Dimanche 11 Avril 2010 -- Le Musée national d’art moderne et contemporain d’Alger (MAMA) accueille, depuis le 3 avril jusqu’à la fin du même mois, une exposition de photographies intitulée «Regards reconstruits 2» regroupant les œuvres de douze artistes photographes. Les thèmes varient selon les sensibilités et les expériences des artistes exposants. Il s’agit, avant tout, de regards très personnels portés sur divers sujets, qu’ils soient d’actualité ou intemporels. Chacun tente de traduire une esthétique, une déchirure ou une simple suggestion discrète, suivant une morale artistique certaine. Mohammed Badawi revient sur le carnage dont a été victime Gaza l’an dernier, à travers un défilé d’images médiatiques retransmises par différentes chaînes de télévision. Sa série intitulée «Le code» nous incite à replonger dans cet enfer virtuel qui nous faisait vivre, au jour le jour, le calvaire vécu par nos frères palestiniens. Badawi, qui avait pris ces photos au huitième jour de l’agression, entre 15 h et 17 h, puis entre 23 h et 1 h, y voit «peut-être un code qu’il faudra un jour déchiffrer». La guerre des images et le poids important des médias dans ce genre de conflits y sont, en tout état de cause, superbement représentés. Quant à Madina Kermiche, plasticienne qui s’est découvert des affinités avec la photographie, elle nous propose une œuvre issue de cet accouplement amoureux entre peinture et cliché, intitulée «Derrière un nuage». Elle y explore un voyage possible entre réalité et imaginaire, où «la folie», dans son sens le plus esthétique, nous servira de guide et de témoin. Couleurs franches et traits lumineux caractérisent cette œuvre, pour le moins originale.

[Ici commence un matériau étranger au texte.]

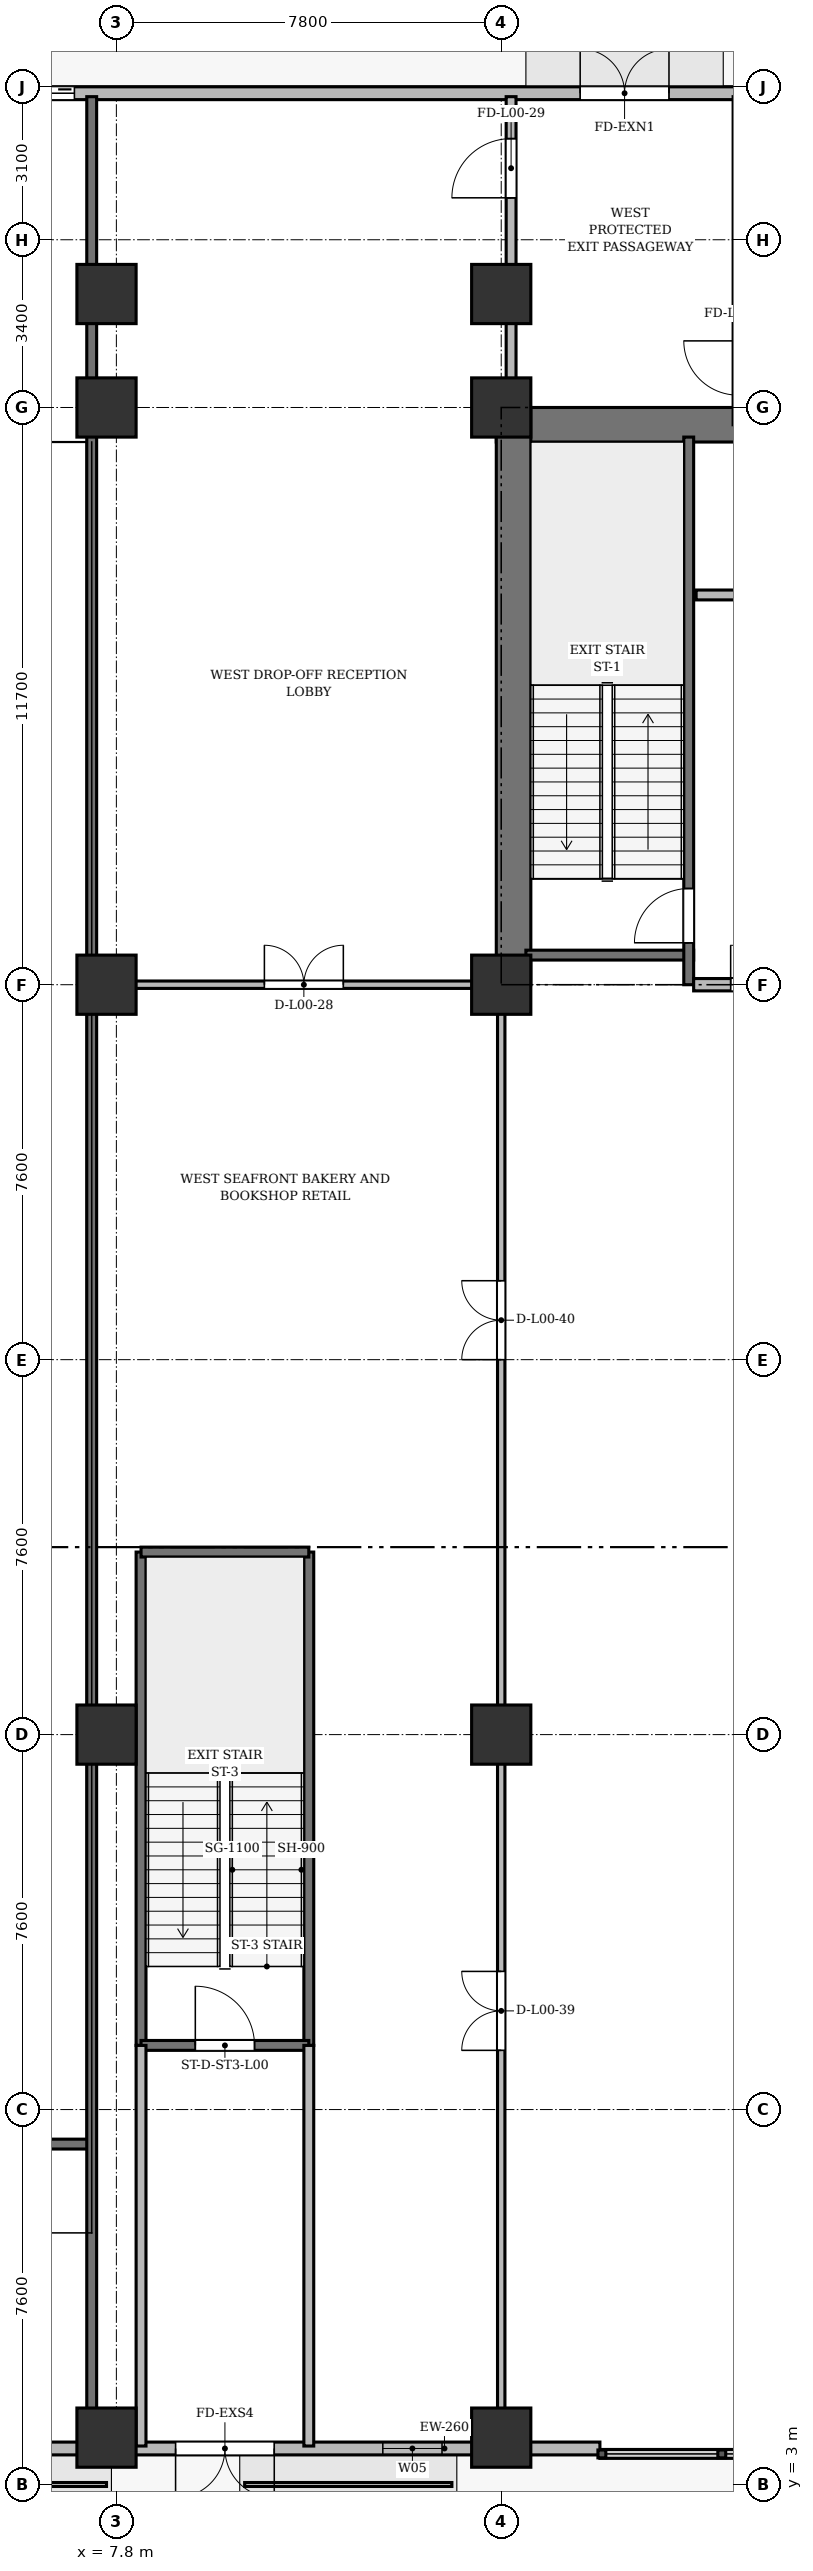
"""IFC4 building model, lengths in metres.
Left out: names, types, materials, properties, quantities, classifications, styles, units other than length and angle.
Written with IfcOpenShell. Run it as: python <this file> out.ifc"""

import sys

from ifc_helpers import new_model, si_unit, direction, frame, frame_2d, origin, origin_2d, place, context, subcontext, project, spatial, rectangle, extrude, source, transform, mapped, element, fill, save


model = new_model("IFC4")
c1 = context("Model", 3, precision=1e-05, world=origin(), true_north=direction((0.0, 1.0)))
c2 = subcontext(c1, "Body", "Model", "MODEL_VIEW")
j1 = project(units=[si_unit("LENGTHUNIT", "METRE"), si_unit("PLANEANGLEUNIT", "RADIAN")], contexts=[c1])
p1 = place(None, origin())
s1 = spatial("IfcSite", under=j1, at=p1, CompositionType="ELEMENT")
p2 = place(p1, origin())
s2 = spatial("IfcBuilding", under=s1, at=p2, CompositionType="ELEMENT")
p3 = place(p2, origin())
s3 = spatial("IfcBuildingStorey", under=s2, at=p3, CompositionType="ELEMENT", Elevation=0.0)
m1 = source(origin(), c2, "Body", "SweptSolid", [
    extrude(rectangle(XDim=1.2, YDim=1.2, at=origin_2d()), origin(), (0.0, 0.0, 1.0), 5.2),
])
for number, where, z_axis, x_axis in (
    (1, (7.6, 3.95, 0.0), (0.0, 0.0, 1.0), (1.0, 0.0, 0.0)),
    (2, (7.6, 18.2, 0.0), (0.0, 0.0, 1.0), (1.0, 0.0, 0.0)),
    (3, (7.6, 33.4, 0.0), (0.0, 0.0, 1.0), (1.0, 0.0, 0.0)),
    (4, (7.6, 45.1, 0.0), (0.0, 0.0, 1.0), (1.0, 0.0, 0.0)),
    (5, (7.6, 47.4, 0.0), (0.0, 0.0, 1.0), (1.0, 0.0, 0.0)),
    (6, (15.6, 3.95, 0.0), (0.0, 0.0, 1.0), (1.0, 0.0, 0.0)),
    (7, (15.6, 18.2, 0.0), (0.0, 0.0, 1.0), (1.0, 0.0, 0.0)),
    (8, (15.6, 33.4, 0.0), (0.0, 0.0, 1.0), (1.0, 0.0, 0.0)),
    (9, (15.6, 45.1, 0.0), (0.0, 0.0, 1.0), (1.0, 0.0, 0.0)),
    (10, (15.6, 47.4, 0.0), (0.0, 0.0, 1.0), (1.0, 0.0, 0.0)),
):
    element("IfcColumn", number, at=place(p3, frame(where, z_axis=z_axis, x_axis=x_axis)), inside=s3, PredefinedType="COLUMN", context=c2, shape_type="MappedRepresentation", body=[
        mapped(m1, transform((0.0, 0.0, 0.0), x_axis=(1.0, 0.0, 0.0), y_axis=(0.0, 1.0, 0.0), z_axis=(0.0, 0.0, 1.0), scale=1.0)),
    ])
p4 = place(p3, frame((-2.05, 51.47, 0.0), z_axis=(0.0, 0.0, 1.0), x_axis=(1.0, 0.0, 0.0)))
e11 = element("IfcWall", 11, at=p4, inside=s3, PredefinedType="SOLIDWALL", context=c2, shape_type="SweptSolid", body=[
    extrude(rectangle(XDim=78.5, YDim=0.26, at=frame_2d((39.25, 0.0))), origin(), (0.0, 0.0, 1.0), 4.88),
])
p5 = place(p4, frame((3.0, 0.0, 0.0)))
e12 = element("IfcOpeningElement", 12, at=p5, cuts=e11, PredefinedType="OPENING", context=c2, shape_type="SweptSolid", body=[
    extrude(rectangle(XDim=6.0, YDim=4.2, at=frame_2d((3.0, 2.1))), frame((0.0, 0.14, 0.0), z_axis=(0.0, -1.0, 0.0), x_axis=(1.0, 0.0, 0.0)), (0.0, 0.0, 1.0), 0.28),
])
p6 = place(p4, frame((19.25, 0.0, 0.0)))
e13 = element("IfcOpeningElement", 13, at=p6, cuts=e11, PredefinedType="OPENING", context=c2, shape_type="SweptSolid", body=[
    extrude(rectangle(XDim=1.8, YDim=2.3, at=frame_2d((0.9, 1.15))), frame((0.0, 0.14, 0.0), z_axis=(0.0, -1.0, 0.0), x_axis=(1.0, 0.0, 0.0)), (0.0, 0.0, 1.0), 0.28),
])
p7 = place(p4, frame((57.85, 0.0, 0.0)))
e14 = element("IfcOpeningElement", 14, at=p7, cuts=e11, PredefinedType="OPENING", context=c2, shape_type="SweptSolid", body=[
    extrude(rectangle(XDim=1.8, YDim=2.3, at=frame_2d((0.9, 1.15))), frame((0.0, 0.14, 0.0), z_axis=(0.0, -1.0, 0.0), x_axis=(1.0, 0.0, 0.0)), (0.0, 0.0, 1.0), 0.28),
])
p8 = place(p3, frame((17.6, 3.73, 0.0), z_axis=(0.0, 0.0, 1.0), x_axis=(-1.0, 0.0, 0.0)))
e15 = element("IfcWall", 15, at=p8, inside=s3, PredefinedType="SOLIDWALL", context=c2, shape_type="SweptSolid", body=[
    extrude(rectangle(XDim=19.65, YDim=0.26, at=frame_2d((9.825, 0.0))), origin(), (0.0, 0.0, 1.0), 3.78),
])
p9 = place(p8, frame((6.6, 0.0, 0.0)))
e16 = element("IfcOpeningElement", 16, at=p9, cuts=e15, PredefinedType="OPENING", context=c2, shape_type="SweptSolid", body=[
    extrude(rectangle(XDim=2.0, YDim=2.4, at=frame_2d((1.0, 1.2))), frame((0.0, 0.14, 0.0), z_axis=(0.0, -1.0, 0.0), x_axis=(1.0, 0.0, 0.0)), (0.0, 0.0, 1.0), 0.28),
])
p10 = place(p8, frame((12.4, 0.0, 0.0)))
e17 = element("IfcOpeningElement", 17, at=p10, cuts=e15, PredefinedType="OPENING", context=c2, shape_type="SweptSolid", body=[
    extrude(rectangle(XDim=2.0, YDim=2.4, at=frame_2d((1.0, 1.2))), frame((0.0, 0.14, 0.0), z_axis=(0.0, -1.0, 0.0), x_axis=(1.0, 0.0, 0.0)), (0.0, 0.0, 1.0), 0.28),
])
p11 = place(p8, frame((3.2, 0.0, 0.9)))
e18 = element("IfcOpeningElement", 18, at=p11, cuts=e15, PredefinedType="OPENING", context=c2, shape_type="SweptSolid", body=[
    extrude(rectangle(XDim=1.2, YDim=2.2, at=frame_2d((0.6, 1.1))), frame((0.0, 0.14, 0.0), z_axis=(0.0, -1.0, 0.0), x_axis=(1.0, 0.0, 0.0)), (0.0, 0.0, 1.0), 0.28),
])
p12 = place(p8, frame((15.2, 0.0, 0.9)))
e19 = element("IfcOpeningElement", 19, at=p12, cuts=e15, PredefinedType="OPENING", context=c2, shape_type="SweptSolid", body=[
    extrude(rectangle(XDim=1.2, YDim=2.2, at=frame_2d((0.6, 1.1))), frame((0.0, 0.14, 0.0), z_axis=(0.0, -1.0, 0.0), x_axis=(1.0, 0.0, 0.0)), (0.0, 0.0, 1.0), 0.28),
])
p13 = place(p3, frame((15.5, 44.75, 0.0), z_axis=(0.0, 0.0, 1.0), x_axis=(1.0, 0.0, 0.0)))
e20 = element("IfcWall", 20, at=p13, inside=s3, PredefinedType="SHEAR", context=c2, shape_type="SweptSolid", body=[
    extrude(rectangle(XDim=43.4, YDim=0.7, at=frame_2d((21.7, 0.0))), origin(), (0.0, 0.0, 1.0), 4.88),
])
p14 = place(p3, frame((15.85, 33.4, 0.0), z_axis=(0.0, 0.0, 1.0), x_axis=(0.0, 1.0, 0.0)))
e21 = element("IfcWall", 21, at=p14, inside=s3, PredefinedType="SHEAR", context=c2, shape_type="SweptSolid", body=[
    extrude(rectangle(XDim=11.7, YDim=0.7, at=frame_2d((5.85, 0.0))), origin(), (0.0, 0.0, 1.0), 4.88),
])
p15 = place(p3, frame((16.1, 34.0, 0.0), z_axis=(0.0, 0.0, 1.0), x_axis=(1.0, 0.0, 0.0)))
e22 = element("IfcWall", 22, at=p15, inside=s3, PredefinedType="SHEAR", context=c2, shape_type="SweptSolid", body=[
    extrude(rectangle(XDim=3.4, YDim=0.2, at=frame_2d((1.7, 0.0))), origin(), (0.0, 0.0, 1.0), 4.88),
])
p16 = place(p3, frame((19.4, 33.4, 0.0), z_axis=(0.0, 0.0, 1.0), x_axis=(0.0, 1.0, 0.0)))
e23 = element("IfcWall", 23, at=p16, inside=s3, PredefinedType="SHEAR", context=c2, shape_type="SweptSolid", body=[
    extrude(rectangle(XDim=11.1, YDim=0.2, at=frame_2d((5.55, 0.0))), origin(), (0.0, 0.0, 1.0), 4.88),
])
p17 = place(p16, frame((0.85, 0.0, 0.0)))
e24 = element("IfcOpeningElement", 24, at=p17, cuts=e23, PredefinedType="OPENING", context=c2, shape_type="SweptSolid", body=[
    extrude(rectangle(XDim=1.1, YDim=2.15, at=frame_2d((0.55, 1.075))), frame((0.0, 0.11, 0.0), z_axis=(0.0, -1.0, 0.0), x_axis=(1.0, 0.0, 0.0)), (0.0, 0.0, 1.0), 0.22),
])
for number, where, z_axis, x_axis in (
    (25, (8.3, 11.9, 0.0), (0.0, 0.0, 1.0), (0.0, 1.0, 0.0)),
    (26, (11.7, 11.9, 0.0), (0.0, 0.0, 1.0), (0.0, 1.0, 0.0)),
):
    element("IfcWall", number, at=place(p3, frame(where, z_axis=z_axis, x_axis=x_axis)), inside=s3, PredefinedType="SHEAR", context=c2, shape_type="SweptSolid", body=[
        extrude(rectangle(XDim=10.0, YDim=0.2, at=frame_2d((5.0, 0.0))), origin(), (0.0, 0.0, 1.0), 4.88),
    ])
p18 = place(p3, frame((8.3, 11.9, 0.0), z_axis=(0.0, 0.0, 1.0), x_axis=(1.0, 0.0, 0.0)))
e27 = element("IfcWall", 27, at=p18, inside=s3, PredefinedType="SHEAR", context=c2, shape_type="SweptSolid", body=[
    extrude(rectangle(XDim=3.4, YDim=0.2, at=frame_2d((1.7, 0.0))), origin(), (0.0, 0.0, 1.0), 4.88),
])
p19 = place(p18, frame((1.1, 0.0, 0.0)))
e28 = element("IfcOpeningElement", 28, at=p19, cuts=e27, PredefinedType="OPENING", context=c2, shape_type="SweptSolid", body=[
    extrude(rectangle(XDim=1.2, YDim=2.15, at=frame_2d((0.6, 1.075))), frame((0.0, 0.11, 0.0), z_axis=(0.0, -1.0, 0.0), x_axis=(1.0, 0.0, 0.0)), (0.0, 0.0, 1.0), 0.22),
])
p20 = place(p3, frame((8.3, 21.9, 0.0), z_axis=(0.0, 0.0, 1.0), x_axis=(1.0, 0.0, 0.0)))
e29 = element("IfcWall", 29, at=p20, inside=s3, PredefinedType="SHEAR", context=c2, shape_type="SweptSolid", body=[
    extrude(rectangle(XDim=3.4, YDim=0.2, at=frame_2d((1.7, 0.0))), origin(), (0.0, 0.0, 1.0), 4.88),
])
p21 = place(p3, frame((19.55, 41.3, 0.0), z_axis=(0.0, 0.0, 1.0), x_axis=(1.0, 0.0, 0.0)))
e30 = element("IfcWall", 30, at=p21, inside=s3, PredefinedType="SOLIDWALL", context=c2, shape_type="SweptSolid", body=[
    extrude(rectangle(XDim=6.75, YDim=0.2, at=frame_2d((3.375, 0.0))), origin(), (0.0, 0.0, 1.0), 4.88),
])
p22 = place(p21, frame((1.7, 0.0, 0.0)))
e31 = element("IfcOpeningElement", 31, at=p22, cuts=e30, PredefinedType="OPENING", context=c2, shape_type="SweptSolid", body=[
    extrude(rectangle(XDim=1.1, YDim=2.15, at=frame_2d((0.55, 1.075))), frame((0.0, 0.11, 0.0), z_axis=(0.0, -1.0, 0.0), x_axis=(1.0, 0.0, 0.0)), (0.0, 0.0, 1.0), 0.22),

Rafik Zaidi, qui a signé sa première exposition de photographies il y a deux mois, nous propose ici une série intitulée «Evasion indigos». Il s’agit d’un regard profondément poétique porté sur ces damnés du désert qui traversent les immenses étendues sablonneuses pour atteindre une vie meilleure. Rafik, un passionné du Sahara, ne lésine cependant pas sur la face d’ombre de cet endroit magique, où la misère côtoie la beauté et où le cauchemar flirte avec le rêve. L’artiste tente de saisir cette longue route de transhumance bordée d’espoirs, de déceptions et de douleurs, à travers des silhouettes en mouvement, des ombres dessinés sur le parquet ou des pas errants. Il dit à ce propos : «Ce travail, je l’ai fait en hommage à tous ces jeunes d’Afrique qui fuient le mal de vivre. La traversée du désert (au sens propre comme au figuré) est dure pour des ombres que vous avez peut-être croisées sans voir. Certains atteignent cet eldorado, d’autres continuent d’en rêver.» L’immigration clandestine est donc le thème de cette série d’«évasions», qui regorge de poésie et d’humanisme.

Lyès Meziani, photographe professionnel, dans son éloquent «Sans titre», nous invite encore une fois à apprécier son affection pour le flou artistique. Sobres, naturelles et surtout exemptes de toute retouche numérique, ses photos sont à la fois oniriques, intimistes et tout aussi proches de la vie quotidienne. Cette vie qui se voit sublimée de façon profondément philosophique, à travers un jeu savant d’ombres et de lumières, mais surtout grâce à une maîtrise parfaite de la technique. Lyès semble en totale symbiose avec son appareil et son modèle. En résulte alors une œuvre tendrement attachante, où chaque détail a sa place, sa valeur et son mot à dire. Mais dans ce lot de beauté et de poésie, certaines photos sonnent malheureusement comme une fausse note. À l’image de cette jeune fille targuie, parée de sa tenue traditionnelle qui regarde l’objectif de Hachemi Ameur en souriant. Et pour cause : ça sent trop la pose pour être vraiment artistique ! Ou encore, cette plante verte au milieu des dunes, signée par Nadir Djama, qui nous renvoie illico presto aux cartes postales touristiques que l’on retrouve à Alger comme à Tamanrasset ! Quoi qu’il en soit, l’exposition «Regards reconstruits 2» mérite le coup d’œil, ne serait-ce que pour le flot généreux d’esthétique et d’originalité que nous offrent certaines photographies.